Comment by lyu07282

3 days ago

I was under the impression that log probabilities don't work like that / they aren't really useful to be interpreted as probabilities?

https://news.ycombinator.com/item?id=42684629

> the logits aren't telling you anything like 'what is the probability in a random sample of Internet text of the next token', but are closer to a Bellman value function, expressing the model's belief as to what would be the net reward from picking each possible BPE as an 'action' and then continuing to pick the optimal BPE after that (ie. following its policy until the episode terminates). Because there is usually 1 best action, it tries to put the largest value on that action, and assign very small values to the rest (no matter how plausible each of them might be if you were looking at random Internet text)

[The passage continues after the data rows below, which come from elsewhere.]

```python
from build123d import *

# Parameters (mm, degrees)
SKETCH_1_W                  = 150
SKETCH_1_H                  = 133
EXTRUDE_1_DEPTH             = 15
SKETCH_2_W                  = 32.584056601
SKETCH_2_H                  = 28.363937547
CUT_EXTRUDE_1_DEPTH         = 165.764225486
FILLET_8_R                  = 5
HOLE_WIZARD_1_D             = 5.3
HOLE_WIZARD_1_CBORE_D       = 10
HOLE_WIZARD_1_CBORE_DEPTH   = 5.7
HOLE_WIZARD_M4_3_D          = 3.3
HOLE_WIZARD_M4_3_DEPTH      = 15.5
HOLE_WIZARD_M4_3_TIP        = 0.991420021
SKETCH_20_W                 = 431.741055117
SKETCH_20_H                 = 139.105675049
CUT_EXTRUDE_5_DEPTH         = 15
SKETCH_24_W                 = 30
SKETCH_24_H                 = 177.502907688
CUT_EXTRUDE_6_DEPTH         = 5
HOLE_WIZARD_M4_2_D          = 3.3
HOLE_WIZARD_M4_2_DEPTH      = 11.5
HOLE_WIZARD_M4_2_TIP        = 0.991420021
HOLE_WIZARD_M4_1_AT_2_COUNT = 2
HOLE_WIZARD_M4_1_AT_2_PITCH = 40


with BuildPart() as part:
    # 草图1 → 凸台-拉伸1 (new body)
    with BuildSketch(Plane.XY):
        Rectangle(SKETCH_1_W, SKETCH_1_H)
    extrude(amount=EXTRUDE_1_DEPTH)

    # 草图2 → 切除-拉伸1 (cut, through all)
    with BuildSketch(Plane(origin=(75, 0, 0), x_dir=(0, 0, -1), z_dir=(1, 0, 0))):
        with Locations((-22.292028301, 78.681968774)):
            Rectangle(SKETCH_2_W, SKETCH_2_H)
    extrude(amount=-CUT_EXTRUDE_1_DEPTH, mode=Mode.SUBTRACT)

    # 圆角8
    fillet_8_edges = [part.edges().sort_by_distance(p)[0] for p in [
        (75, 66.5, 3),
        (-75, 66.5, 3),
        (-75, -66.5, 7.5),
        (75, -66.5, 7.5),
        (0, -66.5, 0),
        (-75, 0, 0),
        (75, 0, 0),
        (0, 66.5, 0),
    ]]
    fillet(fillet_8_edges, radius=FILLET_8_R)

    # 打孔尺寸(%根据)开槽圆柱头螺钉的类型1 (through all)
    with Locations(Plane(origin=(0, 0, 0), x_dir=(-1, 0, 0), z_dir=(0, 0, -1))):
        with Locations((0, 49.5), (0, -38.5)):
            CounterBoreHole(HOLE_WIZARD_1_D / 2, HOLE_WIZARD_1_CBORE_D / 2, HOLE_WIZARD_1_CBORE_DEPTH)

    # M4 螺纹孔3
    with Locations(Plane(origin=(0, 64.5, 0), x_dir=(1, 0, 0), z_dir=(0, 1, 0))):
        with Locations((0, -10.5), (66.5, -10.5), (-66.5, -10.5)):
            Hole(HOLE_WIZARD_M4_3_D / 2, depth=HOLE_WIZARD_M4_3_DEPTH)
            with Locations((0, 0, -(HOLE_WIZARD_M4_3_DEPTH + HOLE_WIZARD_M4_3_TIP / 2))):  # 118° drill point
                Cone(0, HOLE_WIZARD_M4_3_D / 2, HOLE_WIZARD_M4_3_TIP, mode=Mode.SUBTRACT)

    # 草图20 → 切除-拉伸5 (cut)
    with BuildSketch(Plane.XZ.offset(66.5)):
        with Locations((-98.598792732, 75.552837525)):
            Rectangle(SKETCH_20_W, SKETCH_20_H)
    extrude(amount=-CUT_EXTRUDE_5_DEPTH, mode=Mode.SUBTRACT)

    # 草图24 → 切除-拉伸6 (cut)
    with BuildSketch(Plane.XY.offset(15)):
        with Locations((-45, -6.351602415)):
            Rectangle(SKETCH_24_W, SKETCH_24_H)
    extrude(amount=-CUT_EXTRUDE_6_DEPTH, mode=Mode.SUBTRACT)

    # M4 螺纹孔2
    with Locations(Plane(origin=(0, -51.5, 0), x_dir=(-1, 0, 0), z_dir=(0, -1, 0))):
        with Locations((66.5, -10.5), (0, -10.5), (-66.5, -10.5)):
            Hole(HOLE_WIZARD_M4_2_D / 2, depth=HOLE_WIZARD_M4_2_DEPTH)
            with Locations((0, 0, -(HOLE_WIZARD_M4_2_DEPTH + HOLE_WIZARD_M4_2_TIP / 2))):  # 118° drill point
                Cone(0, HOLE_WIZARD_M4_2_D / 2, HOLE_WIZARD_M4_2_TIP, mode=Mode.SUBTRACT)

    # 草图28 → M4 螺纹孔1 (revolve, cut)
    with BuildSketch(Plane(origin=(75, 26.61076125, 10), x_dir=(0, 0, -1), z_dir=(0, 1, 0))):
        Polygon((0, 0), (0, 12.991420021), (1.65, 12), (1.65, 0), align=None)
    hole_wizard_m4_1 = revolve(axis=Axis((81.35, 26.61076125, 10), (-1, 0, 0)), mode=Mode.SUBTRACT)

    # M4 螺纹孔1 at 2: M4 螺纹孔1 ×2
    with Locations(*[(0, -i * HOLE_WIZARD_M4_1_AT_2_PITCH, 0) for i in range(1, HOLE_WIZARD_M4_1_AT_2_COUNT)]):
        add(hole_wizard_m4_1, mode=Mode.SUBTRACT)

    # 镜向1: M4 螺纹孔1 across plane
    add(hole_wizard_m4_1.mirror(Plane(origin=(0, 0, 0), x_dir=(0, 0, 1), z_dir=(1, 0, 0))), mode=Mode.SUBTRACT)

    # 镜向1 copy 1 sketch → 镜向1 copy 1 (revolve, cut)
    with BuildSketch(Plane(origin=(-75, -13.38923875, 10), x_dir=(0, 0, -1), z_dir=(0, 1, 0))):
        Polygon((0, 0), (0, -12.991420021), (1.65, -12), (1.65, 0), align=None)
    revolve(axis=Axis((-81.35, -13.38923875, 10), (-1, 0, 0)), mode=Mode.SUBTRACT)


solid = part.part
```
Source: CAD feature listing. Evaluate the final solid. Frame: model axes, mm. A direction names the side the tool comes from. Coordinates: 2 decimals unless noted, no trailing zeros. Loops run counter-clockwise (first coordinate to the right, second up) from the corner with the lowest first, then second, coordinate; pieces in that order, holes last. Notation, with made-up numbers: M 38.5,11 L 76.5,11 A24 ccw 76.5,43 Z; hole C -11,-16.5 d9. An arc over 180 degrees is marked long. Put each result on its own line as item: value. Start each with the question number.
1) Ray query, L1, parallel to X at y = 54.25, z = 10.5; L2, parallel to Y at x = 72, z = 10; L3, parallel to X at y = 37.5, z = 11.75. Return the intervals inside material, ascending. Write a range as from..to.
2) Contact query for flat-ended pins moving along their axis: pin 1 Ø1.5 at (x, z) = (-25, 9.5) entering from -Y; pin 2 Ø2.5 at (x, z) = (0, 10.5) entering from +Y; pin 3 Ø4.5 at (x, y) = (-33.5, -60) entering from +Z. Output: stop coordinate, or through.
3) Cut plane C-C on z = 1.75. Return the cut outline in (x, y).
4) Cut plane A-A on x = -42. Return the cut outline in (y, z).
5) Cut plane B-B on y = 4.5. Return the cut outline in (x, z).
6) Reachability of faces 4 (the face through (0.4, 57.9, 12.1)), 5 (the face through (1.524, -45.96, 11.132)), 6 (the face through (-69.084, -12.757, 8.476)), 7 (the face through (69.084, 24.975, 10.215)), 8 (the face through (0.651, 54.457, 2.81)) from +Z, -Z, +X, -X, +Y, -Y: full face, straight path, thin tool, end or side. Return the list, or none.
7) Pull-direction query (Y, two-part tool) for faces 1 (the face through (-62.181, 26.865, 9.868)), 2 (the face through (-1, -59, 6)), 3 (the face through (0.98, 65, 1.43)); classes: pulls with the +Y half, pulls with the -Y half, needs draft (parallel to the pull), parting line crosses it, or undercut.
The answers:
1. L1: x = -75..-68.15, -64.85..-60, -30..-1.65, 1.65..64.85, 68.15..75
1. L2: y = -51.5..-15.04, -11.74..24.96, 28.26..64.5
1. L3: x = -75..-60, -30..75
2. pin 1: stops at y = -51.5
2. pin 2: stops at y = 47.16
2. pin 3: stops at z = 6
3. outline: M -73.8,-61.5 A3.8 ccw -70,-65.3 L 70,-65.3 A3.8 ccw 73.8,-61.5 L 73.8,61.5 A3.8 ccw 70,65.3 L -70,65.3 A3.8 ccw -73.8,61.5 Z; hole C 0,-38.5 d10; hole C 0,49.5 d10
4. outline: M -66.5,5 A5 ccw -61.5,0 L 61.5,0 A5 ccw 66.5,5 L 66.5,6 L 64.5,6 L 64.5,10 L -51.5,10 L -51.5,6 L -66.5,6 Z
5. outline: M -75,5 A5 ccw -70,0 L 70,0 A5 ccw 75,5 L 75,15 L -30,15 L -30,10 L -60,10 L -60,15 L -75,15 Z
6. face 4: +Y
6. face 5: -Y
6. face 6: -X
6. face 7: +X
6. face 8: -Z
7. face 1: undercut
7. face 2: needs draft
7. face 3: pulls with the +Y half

Yes it is true that the model has undergone SFT, and RLHF, and other alignment procedures, and hence the logprobs do not reflect the probability of the next token as in the pre-training corpus. Nevertheless, in concrete applications such as our main internal use-case: structured data extraction from pdf documents it revealed very valuable. When the value was obviously well extracted, the logprob was high and when the information was super hard to find or impossible the model would output - or hallucinate - some value with much lower logprob.

Perplexity: a metric, often used to evaluate LLMs, is derived from the negative average logprob of the tokens in a test set. Lower perplexity indicates that the model assigns higher probabilities to the observed tokens, reflecting better language modeling.